Massad does not want Israeli soldiers to be the ones to take PA weapons away. He does not want them to risk their lives.
We Palestinians know who the terrorists are and we can take care of them ourselves. We are not prepared to have the weapons fall into the wrong hands. We have lists of everyone who has a weapon – personal weapons as well as those held by security forces. As soon as we start to act, that will be the first thing we do – to take all arms. There will not be a single bullet in all of the territory that we do not have control over. Protecting the lives of Jews protects the lives of Arabs as well.
The localized leadership of which Massad talks is consistent with the system promoted by Professor Mordechai Kedar, retired Bar Ilan professor. He explains that the only Arab states that are not failed states are the various Emirates, states in which the entire political unit comprises a single tribe. They cooperate with each other over certain issues but are largely independent, thereby maintaining a stable peace.
Interestingly, an article called, “The Palestinian Authority and the Clans: Who Rules Who[m]?” was recently published in a journal of the Institute for Palestine Studies. Author Mashhour al-Batran concludes his article by saying that, in the end, the PA will either turn into a civil society or it will adopt the emirates system as proposed by Kedar.
Kedar quipped that “the PA will turn into a civil society when Israel will become a Christian nation”. Al-Batran’s scorning of the PA is clear even though it is so elegantly disguised.
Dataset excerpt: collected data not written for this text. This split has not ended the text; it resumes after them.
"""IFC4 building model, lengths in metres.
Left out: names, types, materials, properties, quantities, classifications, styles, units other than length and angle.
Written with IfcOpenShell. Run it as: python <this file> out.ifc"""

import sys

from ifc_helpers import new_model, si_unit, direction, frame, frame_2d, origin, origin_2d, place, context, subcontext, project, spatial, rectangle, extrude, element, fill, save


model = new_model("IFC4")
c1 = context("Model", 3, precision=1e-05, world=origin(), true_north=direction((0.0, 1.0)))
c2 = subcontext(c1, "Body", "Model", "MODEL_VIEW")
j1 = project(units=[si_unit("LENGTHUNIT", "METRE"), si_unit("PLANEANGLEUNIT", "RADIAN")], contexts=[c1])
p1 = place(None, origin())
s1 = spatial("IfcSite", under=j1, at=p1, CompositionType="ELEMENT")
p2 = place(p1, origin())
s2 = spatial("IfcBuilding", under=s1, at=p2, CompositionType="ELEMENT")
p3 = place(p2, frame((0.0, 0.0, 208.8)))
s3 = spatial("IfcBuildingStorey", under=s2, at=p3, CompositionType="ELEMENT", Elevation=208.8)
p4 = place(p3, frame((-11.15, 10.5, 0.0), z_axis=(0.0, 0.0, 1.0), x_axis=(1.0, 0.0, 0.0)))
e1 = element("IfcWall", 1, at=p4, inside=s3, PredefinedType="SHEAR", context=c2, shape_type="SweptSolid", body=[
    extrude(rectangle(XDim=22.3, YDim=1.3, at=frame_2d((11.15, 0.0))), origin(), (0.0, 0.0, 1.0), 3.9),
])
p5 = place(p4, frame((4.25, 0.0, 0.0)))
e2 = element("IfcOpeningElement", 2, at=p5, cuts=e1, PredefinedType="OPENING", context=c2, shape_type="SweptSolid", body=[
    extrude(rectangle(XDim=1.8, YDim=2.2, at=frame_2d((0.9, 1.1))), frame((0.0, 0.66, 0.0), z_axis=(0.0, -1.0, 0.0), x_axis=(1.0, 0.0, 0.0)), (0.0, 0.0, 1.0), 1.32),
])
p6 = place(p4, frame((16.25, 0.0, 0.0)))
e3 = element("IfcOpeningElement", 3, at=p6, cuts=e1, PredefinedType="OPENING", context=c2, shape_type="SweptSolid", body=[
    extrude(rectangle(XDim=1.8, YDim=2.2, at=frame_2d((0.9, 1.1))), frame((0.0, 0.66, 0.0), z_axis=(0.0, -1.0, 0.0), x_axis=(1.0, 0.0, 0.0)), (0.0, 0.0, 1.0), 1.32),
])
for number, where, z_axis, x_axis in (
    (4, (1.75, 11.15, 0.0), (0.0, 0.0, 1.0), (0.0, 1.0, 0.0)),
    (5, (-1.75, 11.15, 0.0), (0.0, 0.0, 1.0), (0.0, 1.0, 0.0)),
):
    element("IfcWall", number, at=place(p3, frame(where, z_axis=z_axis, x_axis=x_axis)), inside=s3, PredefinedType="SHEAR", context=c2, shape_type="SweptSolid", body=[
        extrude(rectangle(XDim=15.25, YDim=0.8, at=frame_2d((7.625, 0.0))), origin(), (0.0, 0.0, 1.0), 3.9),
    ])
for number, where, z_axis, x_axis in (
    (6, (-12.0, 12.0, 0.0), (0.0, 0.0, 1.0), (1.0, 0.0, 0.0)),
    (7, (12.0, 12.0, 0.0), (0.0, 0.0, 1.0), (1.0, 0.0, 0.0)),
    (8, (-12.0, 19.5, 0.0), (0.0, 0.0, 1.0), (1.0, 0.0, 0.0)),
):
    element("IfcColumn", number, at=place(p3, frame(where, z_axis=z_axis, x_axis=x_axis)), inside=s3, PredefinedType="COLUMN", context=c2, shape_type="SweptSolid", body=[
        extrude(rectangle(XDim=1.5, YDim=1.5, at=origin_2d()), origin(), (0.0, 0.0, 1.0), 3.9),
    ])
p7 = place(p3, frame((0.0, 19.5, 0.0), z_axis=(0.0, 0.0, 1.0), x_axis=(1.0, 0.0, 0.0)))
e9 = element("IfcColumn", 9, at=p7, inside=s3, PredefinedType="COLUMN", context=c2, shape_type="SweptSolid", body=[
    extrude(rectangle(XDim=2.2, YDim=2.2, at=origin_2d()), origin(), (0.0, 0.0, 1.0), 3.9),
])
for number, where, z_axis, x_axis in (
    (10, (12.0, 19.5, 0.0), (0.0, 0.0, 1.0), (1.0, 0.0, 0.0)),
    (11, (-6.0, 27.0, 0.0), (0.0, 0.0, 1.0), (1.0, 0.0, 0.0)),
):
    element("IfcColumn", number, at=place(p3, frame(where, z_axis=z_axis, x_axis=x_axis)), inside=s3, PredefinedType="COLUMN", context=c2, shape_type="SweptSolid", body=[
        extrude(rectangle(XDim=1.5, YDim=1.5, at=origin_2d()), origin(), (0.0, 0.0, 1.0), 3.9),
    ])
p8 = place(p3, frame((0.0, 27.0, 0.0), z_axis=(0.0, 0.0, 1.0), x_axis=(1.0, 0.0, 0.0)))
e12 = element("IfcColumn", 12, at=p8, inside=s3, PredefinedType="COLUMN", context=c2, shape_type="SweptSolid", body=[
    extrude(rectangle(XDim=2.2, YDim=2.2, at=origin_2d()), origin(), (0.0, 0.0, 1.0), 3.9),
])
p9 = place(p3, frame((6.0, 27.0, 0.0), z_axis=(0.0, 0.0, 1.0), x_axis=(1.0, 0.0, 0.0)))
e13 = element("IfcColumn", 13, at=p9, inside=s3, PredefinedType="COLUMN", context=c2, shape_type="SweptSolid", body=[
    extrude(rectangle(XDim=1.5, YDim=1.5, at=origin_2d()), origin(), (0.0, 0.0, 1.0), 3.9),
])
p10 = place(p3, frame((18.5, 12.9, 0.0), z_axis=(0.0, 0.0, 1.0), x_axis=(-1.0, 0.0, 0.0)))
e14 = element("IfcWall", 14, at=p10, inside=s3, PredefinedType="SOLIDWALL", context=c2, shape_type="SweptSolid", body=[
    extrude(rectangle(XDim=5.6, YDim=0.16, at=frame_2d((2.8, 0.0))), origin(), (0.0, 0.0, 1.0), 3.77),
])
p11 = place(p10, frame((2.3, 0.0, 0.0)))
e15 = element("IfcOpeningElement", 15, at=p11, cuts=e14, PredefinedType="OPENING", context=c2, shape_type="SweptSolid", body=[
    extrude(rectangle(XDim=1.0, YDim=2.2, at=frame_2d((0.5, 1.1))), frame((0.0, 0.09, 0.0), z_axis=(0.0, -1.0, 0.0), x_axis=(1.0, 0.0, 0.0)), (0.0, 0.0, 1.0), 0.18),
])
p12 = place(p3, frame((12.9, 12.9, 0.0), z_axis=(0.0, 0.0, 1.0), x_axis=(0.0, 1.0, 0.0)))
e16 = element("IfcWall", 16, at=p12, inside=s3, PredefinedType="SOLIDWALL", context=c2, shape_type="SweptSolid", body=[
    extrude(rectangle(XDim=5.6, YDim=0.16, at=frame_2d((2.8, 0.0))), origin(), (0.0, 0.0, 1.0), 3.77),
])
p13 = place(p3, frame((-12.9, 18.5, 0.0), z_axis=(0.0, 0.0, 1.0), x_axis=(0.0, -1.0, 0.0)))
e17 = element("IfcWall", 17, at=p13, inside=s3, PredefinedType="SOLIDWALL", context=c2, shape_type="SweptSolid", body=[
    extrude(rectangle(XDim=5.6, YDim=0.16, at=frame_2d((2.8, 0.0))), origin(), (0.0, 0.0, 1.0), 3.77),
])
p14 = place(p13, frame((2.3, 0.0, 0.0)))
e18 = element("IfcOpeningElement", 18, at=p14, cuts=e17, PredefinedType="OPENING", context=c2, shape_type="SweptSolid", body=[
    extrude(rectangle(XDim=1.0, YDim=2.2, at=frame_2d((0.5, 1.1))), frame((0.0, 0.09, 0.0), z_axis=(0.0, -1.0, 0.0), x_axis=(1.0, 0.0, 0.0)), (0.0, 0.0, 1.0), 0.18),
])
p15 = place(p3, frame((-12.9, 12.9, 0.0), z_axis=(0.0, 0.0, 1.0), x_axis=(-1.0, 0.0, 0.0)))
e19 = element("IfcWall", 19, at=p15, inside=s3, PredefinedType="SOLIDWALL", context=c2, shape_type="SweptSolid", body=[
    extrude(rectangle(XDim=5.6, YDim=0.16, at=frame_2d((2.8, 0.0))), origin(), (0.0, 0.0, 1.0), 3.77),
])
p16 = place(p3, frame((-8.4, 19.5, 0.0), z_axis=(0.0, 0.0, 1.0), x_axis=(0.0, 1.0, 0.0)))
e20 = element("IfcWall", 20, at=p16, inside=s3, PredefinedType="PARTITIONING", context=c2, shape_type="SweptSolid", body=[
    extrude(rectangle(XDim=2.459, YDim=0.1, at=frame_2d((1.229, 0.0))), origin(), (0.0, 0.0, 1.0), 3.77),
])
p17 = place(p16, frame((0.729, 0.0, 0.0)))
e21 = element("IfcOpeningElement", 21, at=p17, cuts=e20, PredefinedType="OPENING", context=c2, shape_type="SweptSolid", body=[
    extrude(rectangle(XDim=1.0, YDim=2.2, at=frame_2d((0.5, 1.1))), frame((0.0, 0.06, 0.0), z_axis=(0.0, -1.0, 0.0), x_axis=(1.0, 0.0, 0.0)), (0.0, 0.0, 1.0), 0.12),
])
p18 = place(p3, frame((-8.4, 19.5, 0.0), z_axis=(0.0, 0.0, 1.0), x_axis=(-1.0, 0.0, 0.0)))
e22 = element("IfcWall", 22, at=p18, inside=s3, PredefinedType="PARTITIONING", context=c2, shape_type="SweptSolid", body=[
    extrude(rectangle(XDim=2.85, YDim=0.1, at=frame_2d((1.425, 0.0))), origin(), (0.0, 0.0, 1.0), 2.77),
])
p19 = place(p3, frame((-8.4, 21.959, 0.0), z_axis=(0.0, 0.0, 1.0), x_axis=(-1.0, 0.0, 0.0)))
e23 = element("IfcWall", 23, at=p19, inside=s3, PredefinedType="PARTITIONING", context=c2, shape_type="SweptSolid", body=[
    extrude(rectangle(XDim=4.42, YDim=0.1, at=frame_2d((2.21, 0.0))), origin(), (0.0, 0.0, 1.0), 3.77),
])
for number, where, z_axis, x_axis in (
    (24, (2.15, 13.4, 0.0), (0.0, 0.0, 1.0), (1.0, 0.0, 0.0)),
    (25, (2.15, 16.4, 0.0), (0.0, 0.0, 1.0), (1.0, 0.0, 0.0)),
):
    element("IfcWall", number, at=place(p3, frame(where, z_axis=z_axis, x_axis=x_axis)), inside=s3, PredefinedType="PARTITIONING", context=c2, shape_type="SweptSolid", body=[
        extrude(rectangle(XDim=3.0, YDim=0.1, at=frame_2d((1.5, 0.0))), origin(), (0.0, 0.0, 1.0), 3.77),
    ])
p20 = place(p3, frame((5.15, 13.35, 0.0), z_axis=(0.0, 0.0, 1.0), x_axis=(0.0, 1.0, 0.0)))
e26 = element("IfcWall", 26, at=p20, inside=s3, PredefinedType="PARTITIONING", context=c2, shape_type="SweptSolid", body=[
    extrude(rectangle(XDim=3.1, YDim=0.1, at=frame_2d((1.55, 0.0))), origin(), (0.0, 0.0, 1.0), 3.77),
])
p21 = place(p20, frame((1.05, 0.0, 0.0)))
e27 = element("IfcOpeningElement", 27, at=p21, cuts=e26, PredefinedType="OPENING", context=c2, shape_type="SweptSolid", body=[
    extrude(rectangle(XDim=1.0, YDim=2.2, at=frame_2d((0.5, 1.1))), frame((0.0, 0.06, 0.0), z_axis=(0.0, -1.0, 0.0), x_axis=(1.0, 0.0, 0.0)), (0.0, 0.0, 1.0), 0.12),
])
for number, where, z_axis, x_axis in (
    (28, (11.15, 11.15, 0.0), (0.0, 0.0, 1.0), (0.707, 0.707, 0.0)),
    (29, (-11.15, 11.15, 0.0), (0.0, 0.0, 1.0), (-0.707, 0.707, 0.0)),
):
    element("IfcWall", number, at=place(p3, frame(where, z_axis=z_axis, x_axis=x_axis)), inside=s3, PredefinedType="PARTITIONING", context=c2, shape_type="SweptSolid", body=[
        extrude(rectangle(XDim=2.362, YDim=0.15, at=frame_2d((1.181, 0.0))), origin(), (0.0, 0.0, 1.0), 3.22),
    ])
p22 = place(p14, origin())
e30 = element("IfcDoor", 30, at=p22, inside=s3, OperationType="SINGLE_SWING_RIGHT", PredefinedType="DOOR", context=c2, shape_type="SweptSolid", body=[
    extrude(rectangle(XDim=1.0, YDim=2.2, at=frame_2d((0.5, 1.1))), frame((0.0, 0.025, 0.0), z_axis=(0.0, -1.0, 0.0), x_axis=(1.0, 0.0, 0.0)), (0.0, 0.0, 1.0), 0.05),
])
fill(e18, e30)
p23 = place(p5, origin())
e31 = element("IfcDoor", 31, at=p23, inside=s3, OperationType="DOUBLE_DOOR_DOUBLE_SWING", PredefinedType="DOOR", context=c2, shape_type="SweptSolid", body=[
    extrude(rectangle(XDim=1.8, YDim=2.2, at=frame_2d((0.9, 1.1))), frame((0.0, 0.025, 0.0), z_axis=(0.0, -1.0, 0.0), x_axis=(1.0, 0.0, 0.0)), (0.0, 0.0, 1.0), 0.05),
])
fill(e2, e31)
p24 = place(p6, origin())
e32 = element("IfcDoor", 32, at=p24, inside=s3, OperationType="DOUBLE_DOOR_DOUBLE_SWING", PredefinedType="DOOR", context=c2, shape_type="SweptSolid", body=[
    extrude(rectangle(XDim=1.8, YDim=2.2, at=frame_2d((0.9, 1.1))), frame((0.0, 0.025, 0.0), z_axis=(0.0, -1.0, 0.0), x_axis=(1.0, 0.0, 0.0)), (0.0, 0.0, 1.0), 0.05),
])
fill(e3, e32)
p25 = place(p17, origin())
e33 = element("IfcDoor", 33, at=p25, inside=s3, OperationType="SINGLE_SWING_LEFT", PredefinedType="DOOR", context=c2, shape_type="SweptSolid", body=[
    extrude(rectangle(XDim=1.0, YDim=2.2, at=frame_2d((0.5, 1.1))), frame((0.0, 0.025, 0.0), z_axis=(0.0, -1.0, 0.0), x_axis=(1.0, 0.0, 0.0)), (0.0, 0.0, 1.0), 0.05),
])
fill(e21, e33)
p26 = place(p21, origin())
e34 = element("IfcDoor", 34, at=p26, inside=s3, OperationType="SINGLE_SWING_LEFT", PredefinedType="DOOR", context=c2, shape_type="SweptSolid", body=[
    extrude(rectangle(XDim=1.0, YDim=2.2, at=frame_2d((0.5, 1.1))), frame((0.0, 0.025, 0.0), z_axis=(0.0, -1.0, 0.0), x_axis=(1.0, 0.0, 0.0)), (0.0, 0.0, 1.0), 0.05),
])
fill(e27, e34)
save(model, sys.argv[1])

It is interesting that a decidedly anti-Israeli journal published an article with such a statement — an endorsement of the emirate system as a potential solution to the problems faced by Israel and the Palestinian Arab population, each for their own reasons.
When asked how he envisions the day after the PA falls, Massad replied that he sees a lot of people in jail and awaiting trial – those who stole from the people. Abbas and other members of the elite will have to answer for their crimes against the Palestinian Arabs.
Releasing the people from the sacrificial altar on Eid el-Adha, therefore, will not mean that Abbas will be tied up instead; it does not mean that heads will roll. Massad does not want anyone to be assassinated. Violence is not the way forward for him. It means that the stolen wealth will be returned to the people for building their society according to their own culture and with the leaders that they themselves will choose. He anticipates being able to recoup the monies going back even to the wealth stolen by Arafat.
There have been others who predicted the fall of the PA in the past but the elite have stubbornly and manipulatively managed to hold onto power.
And what if Eid el-Adha comes and goes without any regime change? I asked Massad what it will mean to him if the PA leadership will still be in place after the holiday. “I will blame Europe,” he said. He does not blame Israel that is signatory to international agreements and has limited leeway because of that. But:
Europe refuses to see that the ‘humanitarian’ funds they transfer to the PA enrich the corrupt leaders and are used to commit terrorism, terrorism that kills Arabs and Jews and that is already killing our next generation.